Journey of an Opera (5): The Tale of Lady Thị Kính, Act I – The Wedding and the Conflicts

The Tale of Lady Thị Kính Creation Series

Digital art work by Hoàng Ngọc Biên

Actual work on the libretto of The Tale of Lady Thị Kính is a parallel process between translating and reconstructing the Vietnamese script. PQ Phan already cut the prologue (giáo đầu) and replaced it with the short overture instead. In terms of function, they serve the same purpose of rounding up people and calming them down, making them know that the opera is about to start.

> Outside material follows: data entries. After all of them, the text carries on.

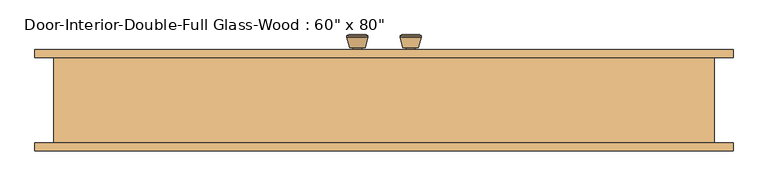
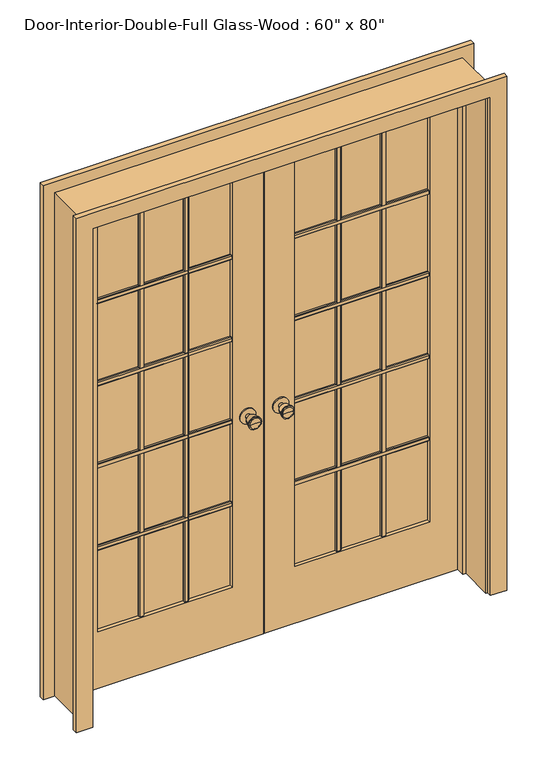
"""IFC4 building model written with IfcOpenShell, lengths in millimetres: door geometry."""

from ifc_helpers import new_model, si_unit, point, frame, frame_2d, origin, place, context, project, spatial, polyline, circle_curve, trimmed, segment, composite_curve, outline, extrude, faceted_brep, source, transform, mapped, element, save
from ifc_brep_helpers import plane_surface, cylinder_surface, revolved_surface, advanced_brep


def door_9d00318c(model_context):
    return source(origin(), model_context, "Body", "SolidModel", [
        advanced_brep(
        [(-63.5, 104.425, 914.4), (-73.5, 104.425, 914.4), (-53.5, 104.425, 914.4), (-83.9758676, 153.425, 914.4), (-63.5, 153.425, 914.4), (-43.0241324, 153.425, 914.4), (-88.5, 151.5971319, 914.4), (-38.5, 151.5971319, 914.4), (-88.5, 148.1334537, 914.4), (-38.5, 148.1334537, 914.4), (-82.136236, 123.425, 914.4), (-44.863764, 123.425, 914.4), (-73.5, 123.425, 914.4), (-53.5, 123.425, 914.4)],
        [
            (0, 1),
            (1, 2, circle_curve(frame((-63.5, 104.425, 914.4), z_axis=(0.0, -1.0, 0.0), x_axis=(1.0, 0.0, 0.0)), 10.0)),
            (2, 0),
            (2, 1, circle_curve(frame((-63.5, 104.425, 914.4), z_axis=(0.0, -1.0, 0.0), x_axis=(1.0, 0.0, 0.0)), 10.0)),
            (3, 4),
            (4, 5),
            (5, 3, circle_curve(frame((-63.5, 153.425, 914.4), z_axis=(0.0, 1.0, 0.0), x_axis=(1.0, 0.0, 0.0)), 20.4758676)),
            (3, 5, circle_curve(frame((-63.5, 153.425, 914.4), z_axis=(0.0, 1.0, 0.0), x_axis=(1.0, 0.0, 0.0)), 20.4758676)),
            (6, 3),
            (5, 7),
            (7, 6, circle_curve(frame((-63.5, 151.5971319, 914.4), z_axis=(0.0, 1.0, 0.0), x_axis=(1.0, 0.0, 0.0)), 25.0)),
            (6, 7, circle_curve(frame((-63.5, 151.5971319, 914.4), z_axis=(0.0, 1.0, 0.0), x_axis=(1.0, 0.0, 0.0)), 25.0)),
            (8, 6),
            (7, 9),
            (9, 8, circle_curve(frame((-63.5, 148.1334537, 914.4), z_axis=(0.0, 1.0, 0.0), x_axis=(1.0, 0.0, 0.0)), 25.0)),
            (8, 9, circle_curve(frame((-63.5, 148.1334537, 914.4), z_axis=(0.0, 1.0, 0.0), x_axis=(1.0, 0.0, 0.0)), 25.0)),
            (10, 8),
            (9, 11),
            (11, 10, circle_curve(frame((-63.5, 123.425, 914.4), z_axis=(0.0, 1.0, 0.0), x_axis=(1.0, 0.0, 0.0)), 18.636236)),
            (10, 11, circle_curve(frame((-63.5, 123.425, 914.4), z_axis=(0.0, 1.0, 0.0), x_axis=(1.0, 0.0, 0.0)), 18.636236)),
            (12, 10),
            (11, 13),
            (13, 12, circle_curve(frame((-63.5, 123.425, 914.4), z_axis=(0.0, 1.0, 0.0), x_axis=(1.0, 0.0, 0.0)), 10.0)),
            (12, 13, circle_curve(frame((-63.5, 123.425, 914.4), z_axis=(0.0, 1.0, 0.0), x_axis=(1.0, 0.0, 0.0)), 10.0)),
            (1, 12),
            (13, 2),
        ],
        [
            plane_surface(frame((-63.5, 104.425, 914.4), z_axis=(0.0, -1.0, 0.0), x_axis=(1.0, 0.0, 0.0))),
            plane_surface(frame((-63.5, 153.425, 914.4), z_axis=(0.0, 1.0, 0.0), x_axis=(1.0, 0.0, 0.0))),
            revolved_surface(polyline([(-43.0241324, 153.425, 914.4), (-38.5, 151.5971319, 914.4)]), (-63.5, 104.425, 914.4), (0.0, -1.0, 0.0)),
            cylinder_surface(frame((-63.5, 104.425, 914.4), z_axis=(0.0, -1.0, 0.0), x_axis=(1.0, 0.0, 0.0)), 25.0),
            revolved_surface(polyline([(-38.5, 148.1334537, 914.4), (-44.863764, 123.425, 914.4)]), (-63.5, 104.425, 914.4), (0.0, -1.0, 0.0)),
            plane_surface(frame((-63.5, 123.425, 914.4), z_axis=(0.0, -1.0, 0.0), x_axis=(1.0, 0.0, 0.0))),
            cylinder_surface(frame((-63.5, 104.425, 914.4), z_axis=(0.0, -1.0, 0.0), x_axis=(1.0, 0.0, 0.0)), 10.0),
        ],
        [
            (0, [[1, 2, 3]]),
            (0, [[-3, 4, -1]]),
            (1, [[5, 6, 7]]),
            (1, [[-6, -5, 8]]),
            (2, [[9, -7, 10, 11]]),
            (2, [[-10, -8, -9, 12]]),
            (3, [[13, -11, 14, 15]]),
            (3, [[-14, -12, -13, 16]]),
            (4, [[17, -15, 18, 19]]),
            (4, [[-18, -16, -17, 20]]),
            (5, [[21, -19, 22, 23]]),
            (5, [[-22, -20, -21, 24]]),
            (6, [[25, -23, 26, -2]]),
            (6, [[-26, -24, -25, -4]]),
        ],
    ),
        extrude(outline(composite_curve([segment(trimmed(circle_curve(frame_2d((914.4, -63.5)), 30.0), [point((914.4, -33.5))], [point((914.4, -93.5))], False, "CARTESIAN"), True, "CONTINUOUS"), segment(trimmed(circle_curve(frame_2d((914.4, -63.5)), 30.0), [point((914.4, -93.5))], [point((914.4, -33.5))], False, "CARTESIAN"), True, "CONTINUOUS")], self_intersect=False)), frame((0.0, 98.425, 0.0), z_axis=(0.0, 1.0, 0.0), x_axis=(0.0, 0.0, 1.0)), (0.0, 0.0, 1.0), 6.0),
        advanced_brep(
        [(-63.5, 57.5, 914.4), (-53.5, 57.5, 914.4), (-73.5, 57.5, 914.4), (-83.9758676, 8.5, 914.4), (-43.0241324, 8.5, 914.4), (-63.5, 8.5, 914.4), (-88.5, 10.3278681, 914.4), (-38.5, 10.3278681, 914.4), (-88.5, 13.7915463, 914.4), (-38.5, 13.7915463, 914.4), (-82.136236, 38.5, 914.4), (-44.863764, 38.5, 914.4), (-73.5, 38.5, 914.4), (-53.5, 38.5, 914.4)],
        [
            (0, 1),
            (1, 2, circle_curve(frame((-63.5, 57.5, 914.4), z_axis=(0.0, 1.0, 0.0), x_axis=(1.0, 0.0, 0.0)), 10.0)),
            (2, 0),
            (2, 1, circle_curve(frame((-63.5, 57.5, 914.4), z_axis=(0.0, 1.0, 0.0), x_axis=(1.0, 0.0, 0.0)), 10.0)),
            (3, 4, circle_curve(frame((-63.5, 8.5, 914.4), z_axis=(0.0, -1.0, 0.0), x_axis=(1.0, 0.0, 0.0)), 20.4758676)),
            (4, 5),
            (5, 3),
            (4, 3, circle_curve(frame((-63.5, 8.5, 914.4), z_axis=(0.0, -1.0, 0.0), x_axis=(1.0, 0.0, 0.0)), 20.4758676)),
            (6, 7, circle_curve(frame((-63.5, 10.3278681, 914.4), z_axis=(0.0, -1.0, 0.0), x_axis=(1.0, 0.0, 0.0)), 25.0)),
            (7, 4),
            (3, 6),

Act I Scene 1 – Thiện Sĩ comes to Mãng Ông’s house to ask for Thị Kính’s hand in marriage. Thị Kính accepts the proposal in order to show herself a good daughter. The new couple then sing together to celebrate a happy life. This Vietnamese version is perfect for what it is but unfortunately not glamorous enough for the western stage where the first scene requires something extravagant that serves as an instant attraction to wow the audience. As a result, Phan decided to utilize the chorus right at the beginning to create the excitement and also to set up the seasonal timing which is an essential element in his opera. In Phan’s mind it is ideal for the opera to start in Spring when people begin to look for mates, thus the lively chorus singing celebrating Spring. Summer is time for activities and that would be the village scene – Scene 2. And Fall is an indication of death or the end of a life cycle when Thị Kính cuts her hair to become a monk – Scene 3.

So the text for the chorus is about Spring: Spring arrives, life is vibrant, everything is lush, and people look for love. That sets the season and the reason for Thiện Sĩ to walk out and sing about his loneliness and his need for a wife. This whole section is brand new and a creation by Phan.

After Thị Kính agrees to marry Thiện Sĩ, instead of having them sing a happy song about marriage right away, Phan has his family, the Sùngs, bring the dowry over as an indication of a wedding. The action also creates a sense of skepticism in the air when the audience realize on stage that the Sùng family is rich and the Mãngs poor. People will question whether this marriage will last forever. The two families set aside differences to gather at the wedding for now but omens of disaster already reveal themselves, one more time in their singing. To celebrate the wedding they sing about the duty of a woman but not that of a man. In a sense that puts a lot of pressure on women and indicates that if anything goes wrong, it is the women that are to blame. A sense of something fatal about to happen is lurking behind their happiness.

Phan’s vision for the end of this scene is realized: the chorus and the two families are already on stage, thus a wedding scene heaving into sight; the facility is more than adequate to accommodate whatever he visualized. Pushing forward, after Thị Kính agrees to marry Thiện Sĩ, Phan closes the scene with an elaborate wedding – the first grand finale it is.

Act I Scene 2 – Thị Kính is accused of trying to kill her husband. Phan keeps all the details in the Vietnamese script yet emphasizes a little more, musically, on the role of Sùng Bà, Thị Kính’s mother-in-law, as a way to introduce the contrast between different types of women in society. The interaction between Sùng Bà – the privileged, and Thị Kính – the underprivileged, creates tension where people see that women can be very cruel to their own kind. Phan thinks that is interesting.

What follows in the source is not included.